Monday, Feb. 01, 1943

Hard Facts

In Manhattan last week the Food Administrator of World War I spoke grimly. Said Herbert Hoover: "We need to face the hard facts and secure a remedy. And at once. Food supply has become secondary only to military operations in determining the outcome of the war."

His hard facts: 1) last fall's slaughter of cows and sows makes it nonsense to "talk of furnishing meats and fat supplies" to 300 million additional starving people after the war; 2) Agriculture Secretary Claude Wickard's "admirable victory program of increased herds and production" announced a year ago was not fully met; 3) some two million men have been drained from the farm labor supply.

As remedies for labor shortages Elder Statesman Hoover called for the import of Mexicans, stopping the draft of farm workers, furloughs for farm-bred soldiers during harvests. Prices must be high enough to encourage production; vaguely, he added, retail ceilings should be abandoned in favor of fixed prices "as near the farm as possible."

In Washington Senator Harry Truman's War Investigating Committee drove ahead fast on the same front. Its hard-hitting report lambasted WPB's Office of Civilian Supply for cutting 1943 farm machine production to a mere 23% of the 1940 output.
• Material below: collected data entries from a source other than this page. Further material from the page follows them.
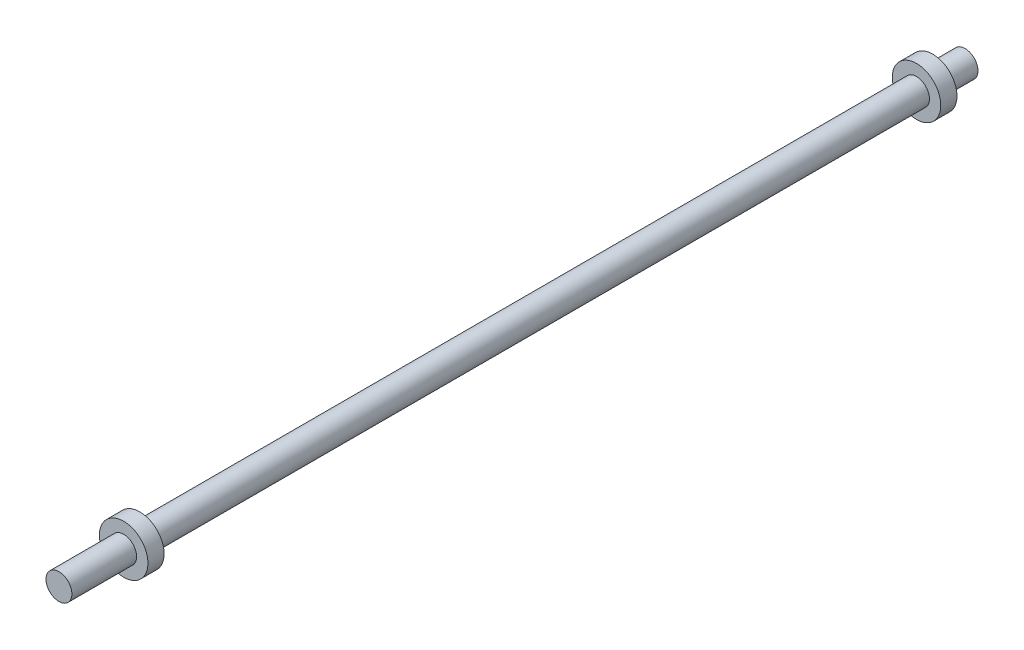
SolidWorks part; units mm, degrees
ref_plane "前视基准面" through (0, 0, 0) normal (0, 0, 1) x (1, 0, 0)
ref_plane "上视基准面" through (0, 0, 0) normal (0, 1, 0) x (1, 0, 0)
ref_plane "右视基准面" through (0, 0, 0) normal (1, 0, 0) x (0, 0, -1)
sketch "草图1" plane through (0, 0, 0) normal (0, 0, 1) x (1, 0, 0)
  circle A0 centre (0, 0) radius 4
  dimension "D1" = 8
extrude "凸台-拉伸1" add sketch "草图1" along normal mid plane 280
cosmetic thread "装饰螺纹线1" parameters "D1"=10, "D2"=6
sketch "草图2" plane through (0, 0, 140) normal (0, 0, 1) x (1, 0, 0)
  circle A0 centre (0, 0) radius 7.5
  dimension "D1" = 15
extrude "凸台-拉伸2" add sketch "草图2" against normal blind 5 from offset 20 offset against normal yes
sketch "草图3" plane through (0, 0, -140) normal (0, 0, -1) x (-1, 0, 0)
  circle A0 centre (0, 0) radius 7.5
  dimension "D1" = 15
extrude "凸台-拉伸3" add sketch "草图3" against normal blind 5 from offset 10

In a few hours, WPB upped the figure to 30% for the first quarter of 1943. But this was still below the 38% sought by the Agriculture Department.

Other action of the week:

> Food Boss Wickard announced that $200 million would be available for easy, one-year loans to enable farmers to increase production.

> Manpower Commissioner Paul McNutt issued a directive giving Claude Wickard all responsibility for recruiting and placing farm labor.

> The Administration agreed to ease draft deferments: Draft boards now may defer a farmer who tends eight cows or does a comparable amount of other farm work.

Some of this was sensible, as far as it went. But it left untouched one aspect of the farm & food crisis more conspicuous than any other. This year U.S. farmers plan to seed 52.5 million acres to wheat and 22.5 million acres to cotton. Thus they may add 73 million bushels of wheat, nine million bales of cotton to the stupendous carryovers of these two crops the U.S. has already. This senseless task will take uncounted numbers of men and machines. A man with the requisite political guts and power to force these acreages into the production of crops the U.S. so sorely needs could at one stroke end a national crisis and a national scandal. But the man was not in evidence last week.